Margaret McGregor (1924 - )
Margaret McGregor circa 2000s
Margaret turned eighteen in 1942, and instantly left the teaching job that was part of her teacher training program to join the Royal Australian Air Force where she became a “bored stiff” radar operator at a radar station in Queensland. She decided social work would be a better option, and after her discharge from the Air Force, in 1945 she began the Diploma of Social Studies at The University of Melbourne, the first ex-servicewoman to be admitted to the program.

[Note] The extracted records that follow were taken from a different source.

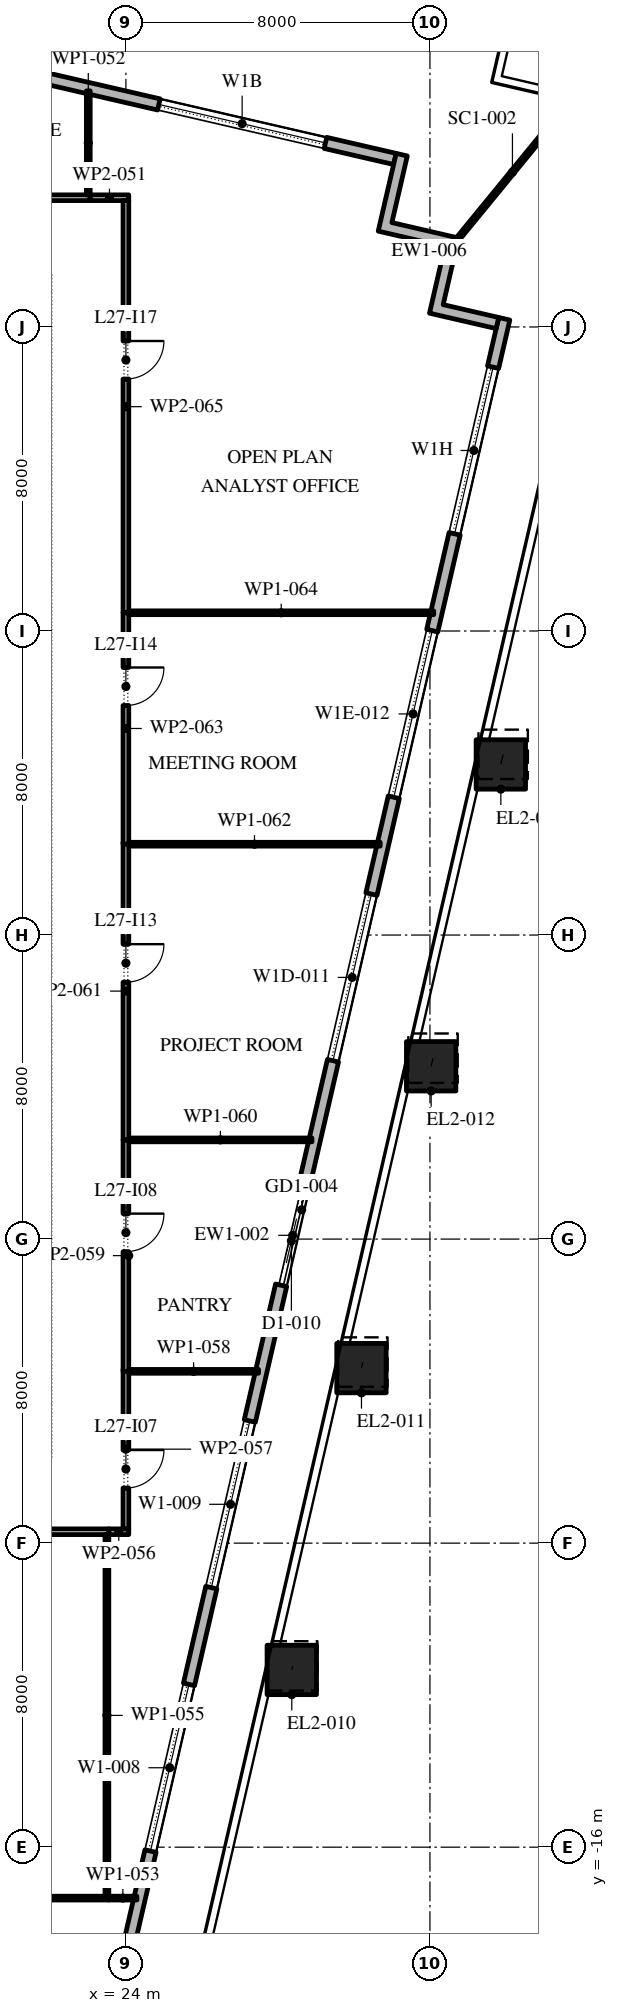
"""IFC4 building model, lengths in metres.
Left out: names, types, materials, properties, quantities, classifications, styles, units other than length and angle.
Written with IfcOpenShell. Run it as: python <this file> out.ifc"""

import sys

from ifc_helpers import new_model, si_unit, direction, frame, frame_2d, origin, origin_2d, place, context, subcontext, project, spatial, polyline, rectangle, outline, extrude, element, fill, save


model = new_model("IFC4")
c1 = context("Model", 3, precision=1e-05, world=origin(), true_north=direction((0.0, 1.0)))
c2 = subcontext(c1, "Body", "Model", "MODEL_VIEW")
j1 = project(units=[si_unit("LENGTHUNIT", "METRE"), si_unit("PLANEANGLEUNIT", "RADIAN")], contexts=[c1])
p1 = place(None, origin())
s1 = spatial("IfcSite", under=j1, at=p1, CompositionType="ELEMENT")
p2 = place(p1, origin())
s2 = spatial("IfcBuilding", under=s1, at=p2, CompositionType="ELEMENT")
p3 = place(p2, frame((0.0, 0.0, 126.6)))
s3 = spatial("IfcBuildingStorey", under=s2, at=p3, CompositionType="ELEMENT", Elevation=126.6)
p4 = place(p3, frame((28.365, -11.336, 0.0), z_axis=(0.005869091843, 0.025277771797, 0.999663237302), x_axis=(-0.974088391429, 0.226167649504, 0.0)))
e1 = element("IfcColumn", 1, at=p4, inside=s3, PredefinedType="COLUMN", context=c2, shape_type="SweptSolid", body=[
    extrude(rectangle(XDim=1.3, YDim=1.3, at=origin_2d()), origin(), (0.0, 0.0, 1.0), 4.201),
])
p5 = place(p3, frame((30.198, -3.395, 0.0), z_axis=(0.008828965511, 0.037929700519, 0.999241405861), x_axis=(-0.97396209058, 0.226710930732, 0.0)))
e2 = element("IfcColumn", 2, at=p5, inside=s3, PredefinedType="COLUMN", context=c2, shape_type="SweptSolid", body=[
    extrude(rectangle(XDim=1.3, YDim=1.3, at=origin_2d()), origin(), (0.0, 0.0, 1.0), 4.203),
])
p6 = place(p3, frame((32.031, 4.547, 0.0), z_axis=(0.01172634467, 0.050504553776, 0.998654986914), x_axis=(-0.974088391429, 0.226167649504, 0.0)))
e3 = element("IfcColumn", 3, at=p6, inside=s3, PredefinedType="COLUMN", context=c2, shape_type="SweptSolid", body=[
    extrude(rectangle(XDim=1.3, YDim=1.3, at=origin_2d()), origin(), (0.0, 0.0, 1.0), 4.206),
])
p7 = place(p3, frame((33.865, 12.489, 0.0), z_axis=(0.014617836866, 0.063111930596, 0.997899395261), x_axis=(-0.974209784844, 0.225644178107, 0.0)))
e4 = element("IfcColumn", 4, at=p7, inside=s3, PredefinedType="COLUMN", context=c2, shape_type="SweptSolid", body=[
    extrude(rectangle(XDim=1.3, YDim=1.3, at=origin_2d()), origin(), (0.0, 0.0, 1.0), 4.209),
])
p8 = place(p3, frame((22.82, -24.016, 0.0), z_axis=(0.0, 0.0, 1.0), x_axis=(0.224953880882, 0.974369412223, 0.0)))
e5 = element("IfcWall", 5, at=p8, inside=s3, PredefinedType="STANDARD", context=c2, shape_type="SweptSolid", body=[
    extrude(rectangle(XDim=49.5, YDim=0.3, at=frame_2d((24.75, 0.0))), origin(), (0.0, 0.0, 1.0), 4.0),
])
p9 = place(p8, frame((1.157, 0.0, 0.45)))
e6 = element("IfcOpeningElement", 6, at=p9, cuts=e5, PredefinedType="OPENING", context=c2, shape_type="SweptSolid", body=[
    extrude(rectangle(XDim=4.5, YDim=3.05, at=frame_2d((2.25, 1.525))), frame((0.0, 0.16, 0.0), z_axis=(0.0, -1.0, 0.0), x_axis=(1.0, 0.0, 0.0)), (0.0, 0.0, 1.0), 0.32),
])
p10 = place(p8, frame((8.121, 0.0, 0.45)))
e7 = element("IfcOpeningElement", 7, at=p10, cuts=e5, PredefinedType="OPENING", context=c2, shape_type="SweptSolid", body=[
    extrude(rectangle(XDim=4.5, YDim=3.05, at=frame_2d((2.25, 1.525))), frame((0.0, 0.16, 0.0), z_axis=(0.0, -1.0, 0.0), x_axis=(1.0, 0.0, 0.0)), (0.0, 0.0, 1.0), 0.32),
])
p11 = place(p8, frame((15.236, 0.0, 0.45)))
e8 = element("IfcOpeningElement", 8, at=p11, cuts=e5, PredefinedType="OPENING", context=c2, shape_type="SweptSolid", body=[
    extrude(rectangle(XDim=4.5, YDim=3.05, at=frame_2d((2.25, 1.525))), frame((0.0, 0.16, 0.0), z_axis=(0.0, -1.0, 0.0), x_axis=(1.0, 0.0, 0.0)), (0.0, 0.0, 1.0), 0.32),
])
p12 = place(p8, frame((23.4, 0.0, 0.0)))
e9 = element("IfcOpeningElement", 9, at=p12, cuts=e5, PredefinedType="OPENING", context=c2, shape_type="SweptSolid", body=[
    extrude(rectangle(XDim=2.4, YDim=3.5, at=frame_2d((1.2, 1.75))), frame((0.0, 0.16, 0.0), z_axis=(0.0, -1.0, 0.0), x_axis=(1.0, 0.0, 0.0)), (0.0, 0.0, 1.0), 0.32),
])
p13 = place(p8, frame((29.464, 0.0, 0.45)))
e10 = element("IfcOpeningElement", 10, at=p13, cuts=e5, PredefinedType="OPENING", context=c2, shape_type="SweptSolid", body=[
    extrude(rectangle(XDim=4.5, YDim=2.875, at=frame_2d((2.25, 1.438))), frame((0.0, 0.16, 0.0), z_axis=(0.0, -1.0, 0.0), x_axis=(1.0, 0.0, 0.0)), (0.0, 0.0, 1.0), 0.32),
])
p14 = place(p8, frame((36.579, 0.0, 0.45)))
e11 = element("IfcOpeningElement", 11, at=p14, cuts=e5, PredefinedType="OPENING", context=c2, shape_type="SweptSolid", body=[
    extrude(rectangle(XDim=4.5, YDim=2.825, at=frame_2d((2.25, 1.413))), frame((0.0, 0.16, 0.0), z_axis=(0.0, -1.0, 0.0), x_axis=(1.0, 0.0, 0.0)), (0.0, 0.0, 1.0), 0.32),
])
p15 = place(p8, frame((43.693, 0.0, 0.45)))
e12 = element("IfcOpeningElement", 12, at=p15, cuts=e5, PredefinedType="OPENING", context=c2, shape_type="SweptSolid", body=[
    extrude(rectangle(XDim=4.5, YDim=2.75, at=frame_2d((2.25, 1.375))), frame((0.0, 0.16, 0.0), z_axis=(0.0, -1.0, 0.0), x_axis=(1.0, 0.0, 0.0)), (0.0, 0.0, 1.0), 0.32),
])
p16 = place(p3, frame((31.078, 28.421, 0.0), z_axis=(0.0, 0.0, 1.0), x_axis=(-0.974370456532, 0.224949357493, 0.0)))
e13 = element("IfcWall", 13, at=p16, inside=s3, PredefinedType="STANDARD", context=c2, shape_type="SweptSolid", body=[
    extrude(rectangle(XDim=51.0, YDim=0.3, at=frame_2d((25.5, 0.0))), origin(), (0.0, 0.0, 1.0), 4.0),
])
p17 = place(p16, frame((1.875, 0.0, 0.45)))
e14 = element("IfcOpeningElement", 14, at=p17, cuts=e13, PredefinedType="OPENING", context=c2, shape_type="SweptSolid", body=[
    extrude(rectangle(XDim=4.5, YDim=2.95, at=frame_2d((2.25, 1.475))), frame((0.0, 0.16, 0.0), z_axis=(0.0, -1.0, 0.0), x_axis=(1.0, 0.0, 0.0)), (0.0, 0.0, 1.0), 0.32),
])
p18 = place(p16, frame((10.275, 0.0, 0.45)))
e15 = element("IfcOpeningElement", 15, at=p18, cuts=e13, PredefinedType="OPENING", context=c2, shape_type="SweptSolid", body=[
    extrude(rectangle(XDim=4.5, YDim=2.875, at=frame_2d((2.25, 1.438))), frame((0.0, 0.16, 0.0), z_axis=(0.0, -1.0, 0.0), x_axis=(1.0, 0.0, 0.0)), (0.0, 0.0, 1.0), 0.32),
])
p19 = place(p16, frame((18.825, 0.0, 0.45)))
e16 = element("IfcOpeningElement", 16, at=p19, cuts=e13, PredefinedType="OPENING", context=c2, shape_type="SweptSolid", body=[
    extrude(rectangle(XDim=4.5, YDim=2.825, at=frame_2d((2.25, 1.413))), frame((0.0, 0.16, 0.0), z_axis=(0.0, -1.0, 0.0), x_axis=(1.0, 0.0, 0.0)), (0.0, 0.0, 1.0), 0.32),
])
p20 = place(p16, frame((27.075, 0.0, 0.0)))
e17 = element("IfcOpeningElement", 17, at=p20, cuts=e13, PredefinedType="OPENING", context=c2, shape_type="SweptSolid", body=[
    extrude(rectangle(XDim=2.4, YDim=3.125, at=frame_2d((1.2, 1.562))), frame((0.0, 0.16, 0.0), z_axis=(0.0, -1.0, 0.0), x_axis=(1.0, 0.0, 0.0)), (0.0, 0.0, 1.0), 0.32),
])
p21 = place(p16, frame((35.925, 0.0, 0.45)))
e18 = element("IfcOpeningElement", 18, at=p21, cuts=e13, PredefinedType="OPENING", context=c2, shape_type="SweptSolid", body=[
    extrude(rectangle(XDim=4.5, YDim=2.575, at=frame_2d((2.25, 1.288))), frame((0.0, 0.16, 0.0), z_axis=(0.0, -1.0, 0.0), x_axis=(1.0, 0.0, 0.0)), (0.0, 0.0, 1.0), 0.32),
])
p22 = place(p16, frame((44.475, 0.0, 0.45)))
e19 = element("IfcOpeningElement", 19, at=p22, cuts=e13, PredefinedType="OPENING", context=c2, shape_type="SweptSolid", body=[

Margaret’s first social work position was a voluntary one with Broughton Hall, one of the Anglican Homes for the Aged. Her first paid position was with The Brotherhood of St Laurence, where she was employed as an interviewer in a survey related to the leisure activities of people living in the Sunshine area. In 1960 she joined the Victorian Social Welfare Branch where she worked nights and Saturdays, interviewing people who wanted to foster or adopt children. After a break of two years in England, Margaret returned to Australia and took up the position of Director of Southern Family Life Counselling Service at Beaumaris, where she remained for seven years. Southern Family Life made extensive use of volunteers in its services, and Margaret was instrumental in the development of training courses for family aides in child maltreatment cases. After she left Southern Family Life in 1977, Margaret worked with two of the volunteers to write a handbook for volunteers, For Love, Not Money, which was published in 1982, and in 1992 was translated into Japanese.
She was also busy from 1977 trying to establish a Foster Grandparents’ scheme similar to one she had seen in the USA during a study tour she had undertaken in 1975. The first Victorian foster grandparents began their work at St Nicholas Hospital in Carlton, where they worked with some of the intellectually disabled children who were resident there. These pioneers were followed by foster grandparent programs at Yooralla, Janefield, Rosina and Moira, other institutions for the intellectually disabled.
In 1981 she was recruited to work at Yooralla Society of Victoria at the Balwyn complex on a scheme to convert the large residential institution from a medical model run by nurses to a child care model, with residents living in smaller self-contained units. She resigned from this position in 1985.
In 1990 Margaret was approached to assist with organizing a field work component for a new psychology course, the Bachelor of Social Science (Family Studies) being offered at Australian Catholic University’s Chadstone campus. She worked there till mid 1994, when she retired from organisationally-based social work, but continued with a small private practice. She was still working in private practice when interviewed in October 1996.